The hash table will take this hashed value, which is a number, and use the modulo operator on it. The divisor for this operation will be the length of the underlying array that your hash table is storing your values in.

const hashedKeyNumber = someHashingAlgorithm('someKey')
const index = hashedKeyNumber % underlyingArray.length

By using the length of the underlying array as the divisor in the modulo operation the hash table ensures it will generate an index that is not out of bounds.

And that’s it! The index we get from all of that is where your value is stored for the someKey key. And because looking up values by index is an O(1) operation in arrays, our hash table is able to use our key to look up our value in O(1) time.

Hashing Functions Are Pure

The hashing algorithm or function that a hash table uses to derive an index from a given key is pure. This means for a given key the resulting index will always be the same. If the key firstName results in an index of 2 it will always result in an index of 2.

This makes hash tables ideal for operations where you need to keep track of the identity of some object and a piece of data associated with it. Rather than having to search through an array to find an object with the identifier you are looking for (an O(n) operation) you can simply use the identifier as the key in a hash table and look it up instantly.

Let’s go through an example of why this is so incredibly useful for certain problems.

Tracking Data Using IDs

Hash tables are great for tracking data points across objects that have some unique identifier.

Here’s a common example:

You run an online store. You want to pull in customer order data from an API and update the sales volume of products in your database accordingly.

The response from the API is a list of orders that include a specific product UPC and the quantity of it that was ordered. Often times even thousands of orders may only pertain to a handful of unique products.

We could run through this list and send a separate request to the database for each order that updates the sales volume of the appropriate product. This is a simple approach that is easy to implement. It will require querying the database for every single order. If we assume we are processing 10,000 orders with an average response time of 150ms from the database this would cost 1500 seconds of total latency.

But what if we simply condensed this data in our application logic first using a hash table?

We can create a hash table for storing specific product UPCs and their total sales quantity:

const productSales = {}

With this hash table we can easily run through all the orders and condense thousands of them into a handful of unique entries.

const customerOrders = getAllCustomerOrders()

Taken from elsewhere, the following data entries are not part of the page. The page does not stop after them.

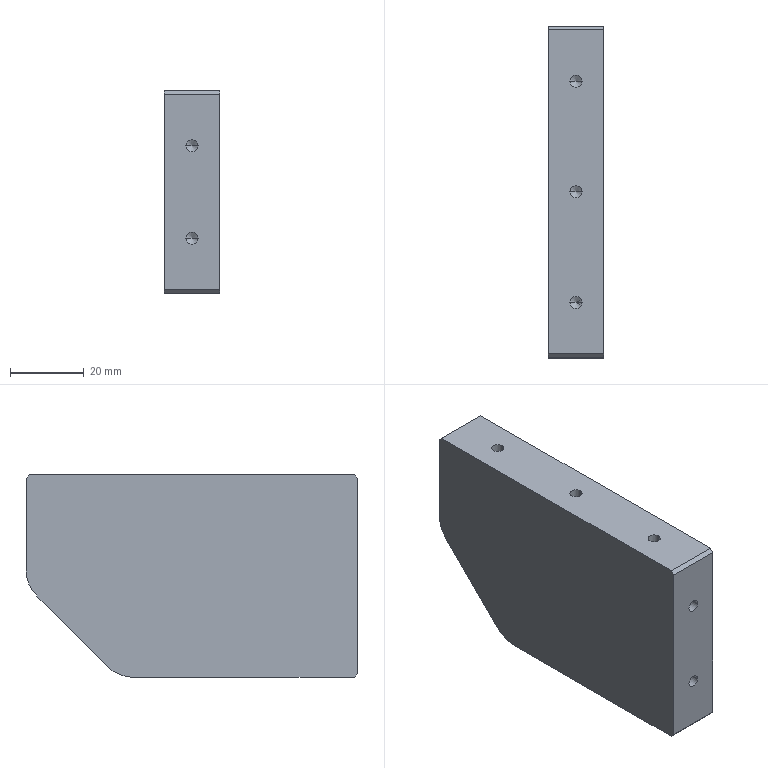Component | SolidWorks | 170423A4-PulleyPlateSupportBlock1-1 | 1 solid | 32 faces | box 15 x 90 x 55 mm | volume 68970 mm3 | cylinder 12 | cone 10 | plane 10 | commonest cylinder face diameters 3.3 x10 20 x2
build123d program:
from build123d import *

# Parameters (mm, degrees)
SKETCH1_W             = 55
SKETCH1_H             = 90
BOSS_EXTRUDE1_DEPTH   = 15
CHAMFER1_SIZE         = 25
FILLET1_R             = 10
M4_TAPPED_HOLE1_D     = 3.3
M4_TAPPED_HOLE1_DEPTH = 11.5
M4_TAPPED_HOLE1_TIP   = 0.9914
M4_TAPPED_HOLE2_D     = 3.3
M4_TAPPED_HOLE2_DEPTH = 11.5
M4_TAPPED_HOLE2_TIP   = 0.9914
CHAMFER2_SIZE         = 1


with BuildPart() as part:
    # Sketch1 → Boss-Extrude1 (new body)
    with BuildSketch(Plane.XY):
        with Locations((27.5, 45)):
            Rectangle(SKETCH1_W, SKETCH1_H)
    extrude(amount=BOSS_EXTRUDE1_DEPTH)

    # Chamfer1
    chamfer1_edges = [part.edges().sort_by_distance(p)[0] for p in [
        (55, 90, 7.5),
    ]]
    chamfer(chamfer1_edges, length=CHAMFER1_SIZE)

    # Fillet1
    fillet1_edges = [part.edges().sort_by_distance(p)[0] for p in [
        (30, 90, 7.5),
        (55, 65, 7.5),
    ]]
    fillet(fillet1_edges, radius=FILLET1_R)

    # M4 Tapped Hole1
    with Locations(Plane(origin=(0, 0, 0), x_dir=(-1, 0, 0), z_dir=(0, -1, 0))):
        with Locations((-40, -7.5), (-15, -7.5)):
            Hole(M4_TAPPED_HOLE1_D / 2, depth=M4_TAPPED_HOLE1_DEPTH)
            with Locations((0, 0, -(M4_TAPPED_HOLE1_DEPTH + M4_TAPPED_HOLE1_TIP / 2))):  # 118° drill point
                Cone(0, M4_TAPPED_HOLE1_D / 2, M4_TAPPED_HOLE1_TIP, mode=Mode.SUBTRACT)

    # M4 Tapped Hole2
    with Locations(Plane.ZY):
        with Locations((7.5, 15), (7.5, 75), (7.5, 45)):
            Hole(M4_TAPPED_HOLE2_D / 2, depth=M4_TAPPED_HOLE2_DEPTH)
            with Locations((0, 0, -(M4_TAPPED_HOLE2_DEPTH + M4_TAPPED_HOLE2_TIP / 2))):  # 118° drill point
                Cone(0, M4_TAPPED_HOLE2_D / 2, M4_TAPPED_HOLE2_TIP, mode=Mode.SUBTRACT)

    # Chamfer2
    chamfer2_edges = [part.edges().sort_by_distance(p)[0] for p in [
        (0, 90, 7.5),
        (55, 0, 7.5),
        (0, 0, 7.5),
    ]]
    chamfer(chamfer2_edges, length=CHAMFER2_SIZE)


solid = part.part

# Placed as in the assembly
solid = solid.moved(Location((139.754, -163.288, 409), (0, 90, 0)))
STEP:
#1=COLOUR_RGB('',0.7922,0.8196,0.9333);
#2=FILL_AREA_STYLE_COLOUR('',#1);
#3=FILL_AREA_STYLE('',(#2));
#4=SURFACE_STYLE_FILL_AREA(#3);
#5=SURFACE_SIDE_STYLE('',(#4));
#6=SURFACE_STYLE_USAGE(.BOTH.,#5);
#7=PRESENTATION_STYLE_ASSIGNMENT((#6));
#8=CARTESIAN_POINT('',(5.732,-3.476,15.65));
#9=VERTEX_POINT('',#8);
#10=CARTESIAN_POINT('',(5.862,-3.476,15.65));
#11=VERTEX_POINT('',#10);
#12=CARTESIAN_POINT('',(5.797,-3.476,15.65));
#13=DIRECTION('',(0.,0.,1.));
#14=DIRECTION('',(1.,0.,0.));
#15=AXIS2_PLACEMENT_3D('',#12,#13,#14);
#16=CIRCLE('',#15,0.06496);
#17=EDGE_CURVE('',#9,#11,#16,.T.);
#18=ORIENTED_EDGE('',*,*,#17,.F.);
#19=CARTESIAN_POINT('',(5.732,-3.476,16.102));
#20=VERTEX_POINT('',#19);
#21=CARTESIAN_POINT('',(5.732,-3.476,16.102));
#22=DIRECTION('',(0.,0.,1.));
#23=VECTOR('',#22,39.37);
#24=LINE('',#21,#23);
#25=EDGE_CURVE('',#9,#20,#24,.T.);
#26=ORIENTED_EDGE('',*,*,#25,.T.);
#27=CARTESIAN_POINT('',(5.862,-3.476,16.102));
#28=VERTEX_POINT('',#27);
#29=CARTESIAN_POINT('',(5.797,-3.476,16.102));
#30=DIRECTION('',(0.,0.,1.));
#31=DIRECTION('',(1.,0.,0.));
#32=AXIS2_PLACEMENT_3D('',#29,#30,#31);
#33=CIRCLE('',#32,0.06496);
#34=EDGE_CURVE('',#20,#28,#33,.T.);
#35=ORIENTED_EDGE('',*,*,#34,.T.);
#36=CARTESIAN_POINT('',(5.862,-3.476,16.102));
#37=DIRECTION('',(0.,0.,1.));
#38=VECTOR('',#37,39.37);
#39=LINE('',#36,#38);
#40=EDGE_CURVE('',#11,#28,#39,.T.);
#41=ORIENTED_EDGE('',*,*,#40,.F.);
#42=EDGE_LOOP('',(#18,#26,#35,#41));
#43=FACE_OUTER_BOUND('',#42,.T.);
#44=CARTESIAN_POINT('',(5.797,-3.476,16.102));
#45=DIRECTION('',(0.,0.,1.));
#46=DIRECTION('',(1.,0.,0.));
#47=AXIS2_PLACEMENT_3D('',#44,#45,#46);
#48=CYLINDRICAL_SURFACE('',#47,0.06496);
#49=ADVANCED_FACE('',(#43),#48,.F.);
#50=CARTESIAN_POINT('',(5.797,-3.476,15.611));
#51=VERTEX_POINT('',#50);
#52=CARTESIAN_POINT('',(5.862,-3.476,15.65));
#53=DIRECTION('',(0.8572,0.,0.515));
#54=VECTOR('',#53,39.37);
#55=LINE('',#52,#54);
#56=EDGE_CURVE('',#51,#11,#55,.T.);
#57=ORIENTED_EDGE('',*,*,#56,.F.);
#58=CARTESIAN_POINT('',(5.732,-3.476,15.65));
#59=DIRECTION('',(-0.8572,0.,0.515));
#60=VECTOR('',#59,39.37);
#61=LINE('',#58,#60);
#62=EDGE_CURVE('',#51,#9,#61,.T.);
#63=ORIENTED_EDGE('',*,*,#62,.T.);
#64=ORIENTED_EDGE('',*,*,#17,.T.);
#65=EDGE_LOOP('',(#57,#63,#64));
#66=FACE_OUTER_BOUND('',#65,.T.);
#67=CARTESIAN_POINT('',(5.797,-3.476,15.65));
#68=DIRECTION('',(0.,0.,1.));
#69=DIRECTION('',(1.,0.,0.));
#70=AXIS2_PLACEMENT_3D('',#67,#68,#69);
#71=CONICAL_SURFACE('',#70,0.06496,1.03);
#72=ADVANCED_FACE('',(#66),#71,.F.);
#73=CARTESIAN_POINT('',(5.732,-4.657,15.65));
#74=VERTEX_POINT('',#73);
#75=CARTESIAN_POINT('',(5.862,-4.657,15.65));
#76=VERTEX_POINT('',#75);
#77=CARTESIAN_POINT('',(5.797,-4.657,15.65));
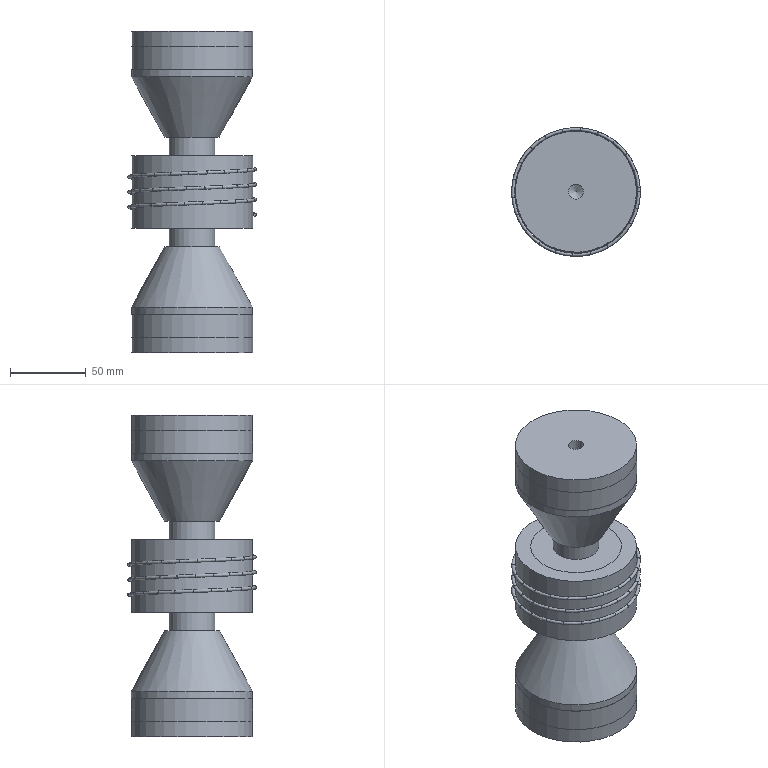Assembly | NX | mm | 12 component files | 12 solids | 123 faces | box 85 x 85 x 212 mm | volume 768635 mm3 | torus 66 | plane 26 | cylinder 25 | cone 6 | commonest cylinder face diameters 10 x8 80 x7 30 x6 60 x2 4 x2
Bill of materials:
CH3404.10-2 | 2 |  | Solid right circular cylinder, height somewhat greater than diameter, with a small central axial hole that appears blind with a conical (drill-point-like) bottom.
CH3404.10-1 | 2 |  | Truncated cone (frustum) with a short cylindrical rim at the wide end, a small central axial through hole in the wide flat face, and one small radial hole through the conical side wall.
CH3404.10-4 | 1 |  | Thin-walled cylindrical ring or short tube with a large concentric through bore; length shorter than outer diameter.
CH3404.10-7 | 2 |  | Flat circular disc with a small central through hole; thickness small relative to diameter.
CH3404.10-8 | 1 |  | Solid flat circular disc (short cylinder) with no visible holes or features.
CH3404.10-3 | 1 |  | Thick-walled cylindrical tube/bushing-like shape with a concentric through bore of roughly half the outer diameter; length slightly greater than outer diameter.
CH3404.10-5 | 1 |  | Open helical coil of round-section wire with about three turns, constant diameter and pitch, and plain cut ends.
CH3404.10-6 | 2 |  | Thin flat circular disc with a small central through hole; thinner than a similar holed disc in this set.
Mates:
1. touch align | CH3404_10-6 2 | assembly datumplane
2. touch align | CH3404_10-6 2 | assembly datumplane
3. touch align | CH3404_10-6 2 face | assembly datumaxis
4. touch align | CH3404_10-7 2 face | CH3404_10-6 2 face
5. touch align | CH3404_10-7 2 | assembly datumplane
6. touch align | CH3404_10-7 2 face | assembly datumaxis
7. touch align | CH3404_10-1 2 face | CH3404_10-7 2 face
8. touch align | CH3404_10-1 2 | CH3404_10-7 2
9. touch align | CH3404_10-1 2 face | assembly datumaxis
10. touch align | CH3404_10-2 2 face | CH3404_10-1 2 face
11. touch align | CH3404_10-2 2 | assembly datumplane
12. touch align | CH3404_10-2 2 face | assembly datumaxis
13. touch align | CH3404_10-8 1 face | CH3404_10-2 2 face
14. touch align | CH3404_10-8 1 | assembly datumplane
15. touch align | CH3404_10-8 1 face | assembly datumaxis
16. touch align | CH3404_10-3 1 datumplane | CH3404_10-8 1
17. touch align | CH3404_10-3 1 datumplane | CH3404_10-8 1
18. touch align | CH3404_10-3 1 face | assembly datumaxis
19. touch align | CH3404_10-4 1 | CH3404_10-3 1 datumplane
20. touch align | CH3404_10-4 1 | CH3404_10-3 1 datumplane
21. touch align | CH3404_10-4 1 face | assembly datumaxis
22. distance | CH3404_10-5 1 | CH3404_10-8 1
23. touch align | CH3404_10-5 1 | assembly datumplane
24. touch align | CH3404_10-5 1 | assembly datumaxis
25. touch align | CH3404_10-2 1 face | CH3404_10-8 1 face
26. touch align | CH3404_10-2 1 | assembly datumplane
27. touch align | CH3404_10-2 1 face | assembly datumaxis
28. touch align | CH3404_10-1 1 | assembly datumplane
29. touch align | CH3404_10-1 1 face | CH3404_10-2 1 face
30. touch align | CH3404_10-1 1 face | assembly datumaxis
31. touch align | CH3404_10-7 1 | assembly datumplane
32. touch align | CH3404_10-7 1 face | CH3404_10-1 1 face
33. touch align | CH3404_10-7 1 face | assembly datumaxis
34. touch align | CH3404_10-6 1 | assembly datumplane
35. touch align | CH3404_10-6 1 face | CH3404_10-7 1 face
36. touch align | CH3404_10-6 1 face | assembly datumaxis

console.log(customerOrders.length) // outputs 10,000

customerOrders.forEach((order) => {
    const upc = order.upc
    const quantity = order.quantity
    
    if (!productSales[upc]) productSales[upc] = 0
    
    productSales[upc] += quantity
})

Now when we iterate over the hash table to update the sales volume in our database we are making only 20 requests as opposed to ten thousand. This results in a total latency time of 3 seconds. Which means we just shaved off 1497 seconds (nearly 25 minutes) of latency.

console.log(Object.keys(productSales).length) // outputs 20


Object.entries(productSales).forEach((entry) => {
    const [upc, totalSales] = entry
    knex("products").increment('sales', totalSales).where("upc", "=", upc)
})

This is a fairly extreme example but it illustrates the immense performance benefits of condensing data in your application logic before you start querying your database, and when you use hash tables to do it it’s easy and fast.

Storing Functions

One of my favorite uses for hash tables is for storing functions. It pairs incredibly well with the strategy pattern which I go into more detail here.

Briefly, if you’re having to execute similar but distinct logic based on the type of input you get, plugging that input into a hash table to retrieve the function you need to execute can be really convenient.

For example: let’s say you’re building an HTTP library to handle requests. You’ll need to be able to handle decompressing various responses based on the compression algorithm used.

const decompressGzip = (resData) => {...}
const decompressDeflate = (resData) => {...}

const decompressionAlgorithms = {
    'gzip': decompressGzip,
    'deflate': decompressDeflate
}

const handleResponse = (encodingType, resData) => {
    const decompressionAlgorithm = decompressionAlgorithms[encodingType]
    return decompressionAlgorithm(resData)
}